Mild zaps to the brain can boost a pain-relieving placebo effect

Placebos can make us feel better. Mild electric zaps to the brain can make that effect even stronger, scientists report online May 3 in Proceedings of the National Academy of Sciences. The finding raises the possibility of enhancing the power of expectations to improve treatments. 

This is the first study to boost placebo and blunt pain-inducing nocebo effects by altering brain activity, says Jian Kong, a pain researcher at Massachusetts General Hospital in Charlestown.

The placebo effect arises when someone feels better after taking an inactive substance, like a sugar pill, because they expect the substance to help. The nocebo effect is the placebo’s evil twin: A person feels worse after taking an inactive substance that they expect to have unpleasant effects.

To play with people’s expectations, Kong’s team primed 81 participants for painful heat. The heat was delivered by a thermal stimulator to the forearm while participants lay in a functional MRI scanner. Each person received three creams, each to a different spot on their arms. One cream, participants were told, was a numbing lidocaine cream, one was a regular cream and one was a pain-increasing capsaicin cream. But in fact, all the creams were the same inert lotion, dyed different colors.

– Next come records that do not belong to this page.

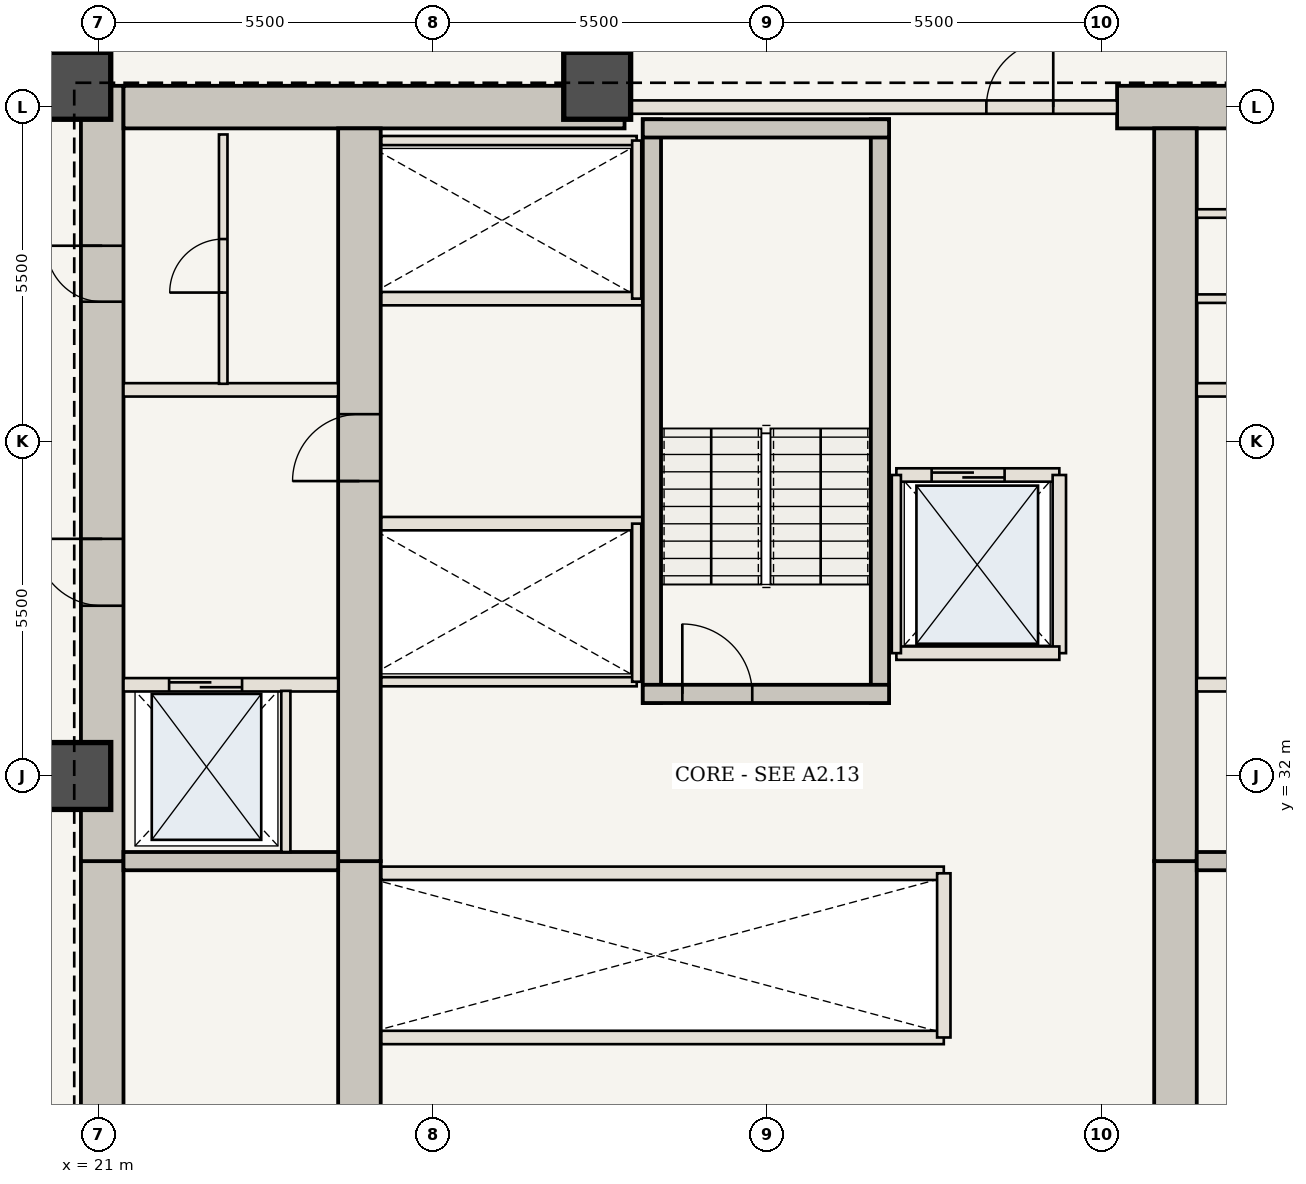
"""IFC4 building model, lengths in metres.
Left out: names, types, materials, properties, quantities, classifications, styles, units other than length and angle.
Written with IfcOpenShell. Run it as: python <this file> out.ifc"""

import sys

from ifc_helpers import new_model, si_unit, direction, frame, frame_2d, origin, origin_2d, place, context, subcontext, project, spatial, rectangle, extrude, element, fill, save


model = new_model("IFC4")
c1 = context("Model", 3, precision=1e-05, world=origin(), true_north=direction((0.0, 1.0)))
c2 = subcontext(c1, "Body", "Model", "MODEL_VIEW")
j1 = project(units=[si_unit("LENGTHUNIT", "METRE"), si_unit("PLANEANGLEUNIT", "RADIAN")], contexts=[c1])
p1 = place(None, origin())
s1 = spatial("IfcSite", under=j1, at=p1, CompositionType="ELEMENT")
p2 = place(p1, origin())
s2 = spatial("IfcBuilding", under=s1, at=p2, CompositionType="ELEMENT")
p3 = place(p2, frame((0.0, 0.0, 52.85)))
s3 = spatial("IfcBuildingStorey", under=s2, at=p3, CompositionType="ELEMENT", Elevation=52.85)
p4 = place(p3, frame((21.06, 20.6, 0.0), z_axis=(0.0, 0.0, 1.0), x_axis=(0.0, 1.0, 0.0)))
e1 = element("IfcWall", 1, at=p4, inside=s3, PredefinedType="SHEAR", context=c2, shape_type="SweptSolid", body=[
    extrude(rectangle(XDim=10.0, YDim=0.7, at=frame_2d((5.0, 0.0))), origin(), (0.0, 0.0, 1.0), 3.5),
])
p5 = place(p4, frame((1.15, 0.0, 0.0)))
e2 = element("IfcOpeningElement", 2, at=p5, cuts=e1, PredefinedType="OPENING", context=c2, shape_type="SweptSolid", body=[
    extrude(rectangle(XDim=1.15, YDim=2.15, at=frame_2d((0.575, 1.075))), frame((0.0, 0.36, 0.0), z_axis=(0.0, -1.0, 0.0), x_axis=(1.0, 0.0, 0.0)), (0.0, 0.0, 1.0), 0.72),
])
p6 = place(p3, frame((21.06, 30.6, 0.0), z_axis=(0.0, 0.0, 1.0), x_axis=(0.0, 1.0, 0.0)))
e3 = element("IfcWall", 3, at=p6, inside=s3, PredefinedType="SHEAR", context=c2, shape_type="SweptSolid", body=[
    extrude(rectangle(XDim=12.75, YDim=0.7, at=frame_2d((6.375, 0.0))), origin(), (0.0, 0.0, 1.0), 3.5),
])
p7 = place(p6, frame((4.2, 0.0, 0.0)))
e4 = element("IfcOpeningElement", 4, at=p7, cuts=e3, PredefinedType="OPENING", context=c2, shape_type="SweptSolid", body=[
    extrude(rectangle(XDim=1.1, YDim=2.15, at=frame_2d((0.55, 1.075))), frame((0.0, 0.36, 0.0), z_axis=(0.0, -1.0, 0.0), x_axis=(1.0, 0.0, 0.0)), (0.0, 0.0, 1.0), 0.72),
])
p8 = place(p6, frame((9.2, 0.0, 0.0)))
e5 = element("IfcOpeningElement", 5, at=p8, cuts=e3, PredefinedType="OPENING", context=c2, shape_type="SweptSolid", body=[
    extrude(rectangle(XDim=0.92, YDim=2.1, at=frame_2d((0.46, 1.05))), frame((0.0, 0.36, 0.0), z_axis=(0.0, -1.0, 0.0), x_axis=(1.0, 0.0, 0.0)), (0.0, 0.0, 1.0), 0.72),
])
p9 = place(p3, frame((21.41, 43.0, 0.0), z_axis=(0.0, 0.0, 1.0), x_axis=(1.0, 0.0, 0.0)))
e6 = element("IfcWall", 6, at=p9, inside=s3, PredefinedType="SHEAR", context=c2, shape_type="SweptSolid", body=[
    extrude(rectangle(XDim=8.24, YDim=0.7, at=frame_2d((4.12, 0.0))), origin(), (0.0, 0.0, 1.0), 3.5),
])
p10 = place(p3, frame((37.75, 43.0, 0.0), z_axis=(0.0, 0.0, 1.0), x_axis=(1.0, 0.0, 0.0)))
e7 = element("IfcWall", 7, at=p10, inside=s3, PredefinedType="SHEAR", context=c2, shape_type="SweptSolid", body=[
    extrude(rectangle(XDim=4.84, YDim=0.7, at=frame_2d((2.42, 0.0))), origin(), (0.0, 0.0, 1.0), 3.5),
])
p11 = place(p3, frame((25.29, 21.3, 0.0), z_axis=(0.0, 0.0, 1.0), x_axis=(0.0, 1.0, 0.0)))
e8 = element("IfcWall", 8, at=p11, inside=s3, PredefinedType="SHEAR", context=c2, shape_type="SweptSolid", body=[
    extrude(rectangle(XDim=9.3, YDim=0.7, at=frame_2d((4.65, 0.0))), origin(), (0.0, 0.0, 1.0), 3.5),
])
p12 = place(p3, frame((25.29, 30.6, 0.0), z_axis=(0.0, 0.0, 1.0), x_axis=(0.0, 1.0, 0.0)))
e9 = element("IfcWall", 9, at=p12, inside=s3, PredefinedType="SHEAR", context=c2, shape_type="SweptSolid", body=[
    extrude(rectangle(XDim=12.05, YDim=0.7, at=frame_2d((6.025, 0.0))), origin(), (0.0, 0.0, 1.0), 3.5),
])
p13 = place(p12, frame((6.25, 0.0, 0.0)))
e10 = element("IfcOpeningElement", 10, at=p13, cuts=e9, PredefinedType="OPENING", context=c2, shape_type="SweptSolid", body=[
    extrude(rectangle(XDim=1.1, YDim=2.15, at=frame_2d((0.55, 1.075))), frame((0.0, 0.36, 0.0), z_axis=(0.0, -1.0, 0.0), x_axis=(1.0, 0.0, 0.0)), (0.0, 0.0, 1.0), 0.72),
])
p14 = place(p3, frame((38.71, 21.3, 0.0), z_axis=(0.0, 0.0, 1.0), x_axis=(0.0, 1.0, 0.0)))
e11 = element("IfcWall", 11, at=p14, inside=s3, PredefinedType="SHEAR", context=c2, shape_type="SweptSolid", body=[
    extrude(rectangle(XDim=9.3, YDim=0.7, at=frame_2d((4.65, 0.0))), origin(), (0.0, 0.0, 1.0), 3.5),
])
p15 = place(p3, frame((38.71, 30.6, 0.0), z_axis=(0.0, 0.0, 1.0), x_axis=(0.0, 1.0, 0.0)))
e12 = element("IfcWall", 12, at=p15, inside=s3, PredefinedType="SHEAR", context=c2, shape_type="SweptSolid", body=[
    extrude(rectangle(XDim=12.05, YDim=0.7, at=frame_2d((6.025, 0.0))), origin(), (0.0, 0.0, 1.0), 3.5),
])
for number, where, z_axis, x_axis in (
    (13, (29.2, 43.35, 0.0), (0.0, 0.0, 1.0), (1.0, 0.0, 0.0)),
    (14, (20.65, 43.35, 0.0), (0.0, 0.0, 1.0), (1.0, 0.0, 0.0)),
    (15, (20.65, 32.0, 0.0), (0.0, 0.0, 1.0), (1.0, 0.0, 0.0)),
):
    element("IfcColumn", number, at=place(p3, frame(where, z_axis=z_axis, x_axis=x_axis)), inside=s3, PredefinedType="COLUMN", context=c2, shape_type="SweptSolid", body=[
        extrude(rectangle(XDim=1.1, YDim=1.1, at=origin_2d()), origin(), (0.0, 0.0, 1.0), 3.5),
    ])
for number, where, z_axis, x_axis in (
    (16, (21.41, 30.6, 0.0), (0.0, 0.0, 1.0), (1.0, 0.0, 0.0)),
    (17, (39.06, 30.6, 0.0), (0.0, 0.0, 1.0), (1.0, 0.0, 0.0)),
):
    element("IfcWall", number, at=place(p3, frame(where, z_axis=z_axis, x_axis=x_axis)), inside=s3, PredefinedType="SHEAR", context=c2, shape_type="SweptSolid", body=[
        extrude(rectangle(XDim=3.53, YDim=0.3, at=frame_2d((1.765, 0.0))), origin(), (0.0, 0.0, 1.0), 3.32),
    ])
p16 = place(p3, frame((21.41, 33.5, 0.0), z_axis=(0.0, 0.0, 1.0), x_axis=(1.0, 0.0, 0.0)))
e18 = element("IfcWall", 18, at=p16, inside=s3, PredefinedType="STANDARD", context=c2, shape_type="SweptSolid", body=[
    extrude(rectangle(XDim=3.53, YDim=0.22, at=frame_2d((1.765, 0.0))), origin(), (0.0, 0.0, 1.0), 3.32),
])
p17 = place(p16, frame((0.75, 0.0, 0.0)))
e19 = element("IfcOpeningElement", 19, at=p17, cuts=e18, PredefinedType="OPENING", context=c2, shape_type="SweptSolid", body=[
    extrude(rectangle(XDim=1.2, YDim=2.2, at=frame_2d((0.6, 1.1))), frame((0.0, 0.12, 0.0), z_axis=(0.0, -1.0, 0.0), x_axis=(1.0, 0.0, 0.0)), (0.0, 0.0, 1.0), 0.24),
])
p18 = place(p3, frame((24.08, 30.75, 0.0), z_axis=(0.0, 0.0, 1.0), x_axis=(0.0, 1.0, 0.0)))
e20 = element("IfcWall", 20, at=p18, inside=s3, PredefinedType="STANDARD", context=c2, shape_type="SweptSolid", body=[
    extrude(rectangle(XDim=2.65, YDim=0.15, at=frame_2d((1.325, 0.0))), origin(), (0.0, 0.0, 1.0), 3.32),
])
p19 = place(p3, frame((39.06, 33.5, 0.0), z_axis=(0.0, 0.0, 1.0), x_axis=(1.0, 0.0, 0.0)))
e21 = element("IfcWall", 21, at=p19, inside=s3, PredefinedType="STANDARD", context=c2, shape_type="SweptSolid", body=[
    extrude(rectangle(XDim=3.53, YDim=0.22, at=frame_2d((1.765, 0.0))), origin(), (0.0, 0.0, 1.0), 3.32),
])
p20 = place(p19, frame((1.55, 0.0, 0.0)))
e22 = element("IfcOpeningElement", 22, at=p20, cuts=e21, PredefinedType="OPENING", context=c2, shape_type="SweptSolid", body=[
    extrude(rectangle(XDim=1.2, YDim=2.2, at=frame_2d((0.6, 1.1))), frame((0.0, 0.12, 0.0), z_axis=(0.0, -1.0, 0.0), x_axis=(1.0, 0.0, 0.0)), (0.0, 0.0, 1.0), 0.24),
])
for number, where, z_axis, x_axis in (
    (23, (21.41, 38.35, 0.0), (0.0, 0.0, 1.0), (1.0, 0.0, 0.0)),
    (24, (39.06, 38.35, 0.0), (0.0, 0.0, 1.0), (1.0, 0.0, 0.0)),
):
    element("IfcWall", number, at=place(p3, frame(where, z_axis=z_axis, x_axis=x_axis)), inside=s3, PredefinedType="STANDARD", context=c2, shape_type="SweptSolid", body=[
        extrude(rectangle(XDim=3.53, YDim=0.22, at=frame_2d((1.765, 0.0))), origin(), (0.0, 0.0, 1.0), 3.32),
    ])
p21 = place(p3, frame((23.05, 38.45, 0.0), z_axis=(0.0, 0.0, 1.0), x_axis=(0.0, 1.0, 0.0)))
e25 = element("IfcWall", 25, at=p21, inside=s3, PredefinedType="STANDARD", context=c2, shape_type="SweptSolid", body=[
    extrude(rectangle(XDim=4.1, YDim=0.14, at=frame_2d((2.05, 0.0))), origin(), (0.0, 0.0, 1.0), 3.32),
])
p22 = place(p21, frame((1.5, 0.0, 0.0)))
e26 = element("IfcOpeningElement", 26, at=p22, cuts=e25, PredefinedType="OPENING", context=c2, shape_type="SweptSolid", body=[
    extrude(rectangle(XDim=0.88, YDim=2.1, at=frame_2d((0.44, 1.05))), frame((0.0, 0.08, 0.0), z_axis=(0.0, -1.0, 0.0), x_axis=(1.0, 0.0, 0.0)), (0.0, 0.0, 1.0), 0.16),
])
for number, where, z_axis, x_axis in (
    (27, (39.06, 39.85, 0.0), (0.0, 0.0, 1.0), (1.0, 0.0, 0.0)),
    (28, (39.06, 41.25, 0.0), (0.0, 0.0, 1.0), (1.0, 0.0, 0.0)),
):
    element("IfcWall", number, at=place(p3, frame(where, z_axis=z_axis, x_axis=x_axis)), inside=s3, PredefinedType="STANDARD", context=c2, shape_type="SweptSolid", body=[
        extrude(rectangle(XDim=3.53, YDim=0.14, at=frame_2d((1.765, 0.0))), origin(), (0.0, 0.0, 1.0), 3.32),
    ])
for number, where, z_axis, x_axis in (
    (29, (25.65, 27.7, 0.0), (0.0, 0.0, 1.0), (1.0, 0.0, 0.0)),
    (30, (25.65, 30.4, 0.0), (0.0, 0.0, 1.0), (1.0, 0.0, 0.0)),
):
    element("IfcWall", number, at=place(p3, frame(where, z_axis=z_axis, x_axis=x_axis)), inside=s3, PredefinedType="STANDARD", context=c2, shape_type="SweptSolid", body=[
        extrude(rectangle(XDim=9.25, YDim=0.22, at=frame_2d((4.625, 0.0))), origin(), (0.0, 0.0, 1.0), 3.32),
    ])
p23 = place(p3, frame((34.9, 27.7, 0.0), z_axis=(0.0, 0.0, 1.0), x_axis=(0.0, 1.0, 0.0)))
e31 = element("IfcWall", 31, at=p23, inside=s3, PredefinedType="STANDARD", context=c2, shape_type="SweptSolid", body=[
    extrude(rectangle(XDim=2.7, YDim=0.22, at=frame_2d((1.35, 0.0))), origin(), (0.0, 0.0, 1.0), 3.32),
])
p24 = place(p3, frame((25.65, 36.15, 0.0), z_axis=(0.0, 0.0, 1.0), x_axis=(1.0, 0.0, 0.0)))
e32 = element("IfcWall", 32, at=p24, inside=s3, PredefinedType="STANDARD", context=c2, shape_type="SweptSolid", body=[
    extrude(rectangle(XDim=4.3, YDim=0.22, at=frame_2d((2.15, 0.0))), origin(), (0.0, 0.0, 1.0), 3.32),
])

Participants reported lower pain intensity from the heat on the “lidocaine” patch of skin, an expected placebo effect. People also reported higher pain intensity on the “capsaicin” skin, an expected nocebo effect.

Before testing the placebo and nocebo effects, researchers had delivered electric currents to some participants’ brains with a method called transcranial direct current stimulation, or tDCS. During these tDCS sessions, two electrodes attached to the scalp delivered weak electric current to the brain to change the behavior of brain cells. 

Some participants received tDCS targeted at a brain area thought to be important in placebo and nocebo effects, the right dorsolateral prefrontal cortex. Researchers used two types of current: positive anodal tDCS, which typically makes nerve cells more likely to fire off signals, and negative cathodal tDCS, which usually makes cells quieter.

Compared with people who didn’t receive tDCS, people who received cathodal tDCS reported stronger placebo effects when heat was applied to the skin with “lidocaine” cream. For people who received anodal tDCS, the stimulation dampened the nocebo effect of the “capsaicin” cream. 

Brain stimulation affected neural pathways that were already thought to be involved in the placebo and nocebo effects. Cathodal tDCS, for instance, boosted connections between the targeted brain area with a nearby area involved in emotion and cognition.  This strengthened pattern correlated with participants reporting a stronger placebo effect, Kong and his colleagues found.

“This is a very elegant study and I’m very excited and enthusiastic about it,” says Luana Colloca, a neuroscientist at the University of Maryland Baltimore. Colloca, who wasn’t involved in the study, sees the potential to help chronic pain patients by ramping up the placebo effect (SN: 9/13/18). “We’re not there yet,” she cautions. “We need to see if these same results can be replicated in patients with chronic pain.” 

Kong agrees. His study was small, and people experience pain and placebos differently. “But I have to say, this is also encouraging,” he says.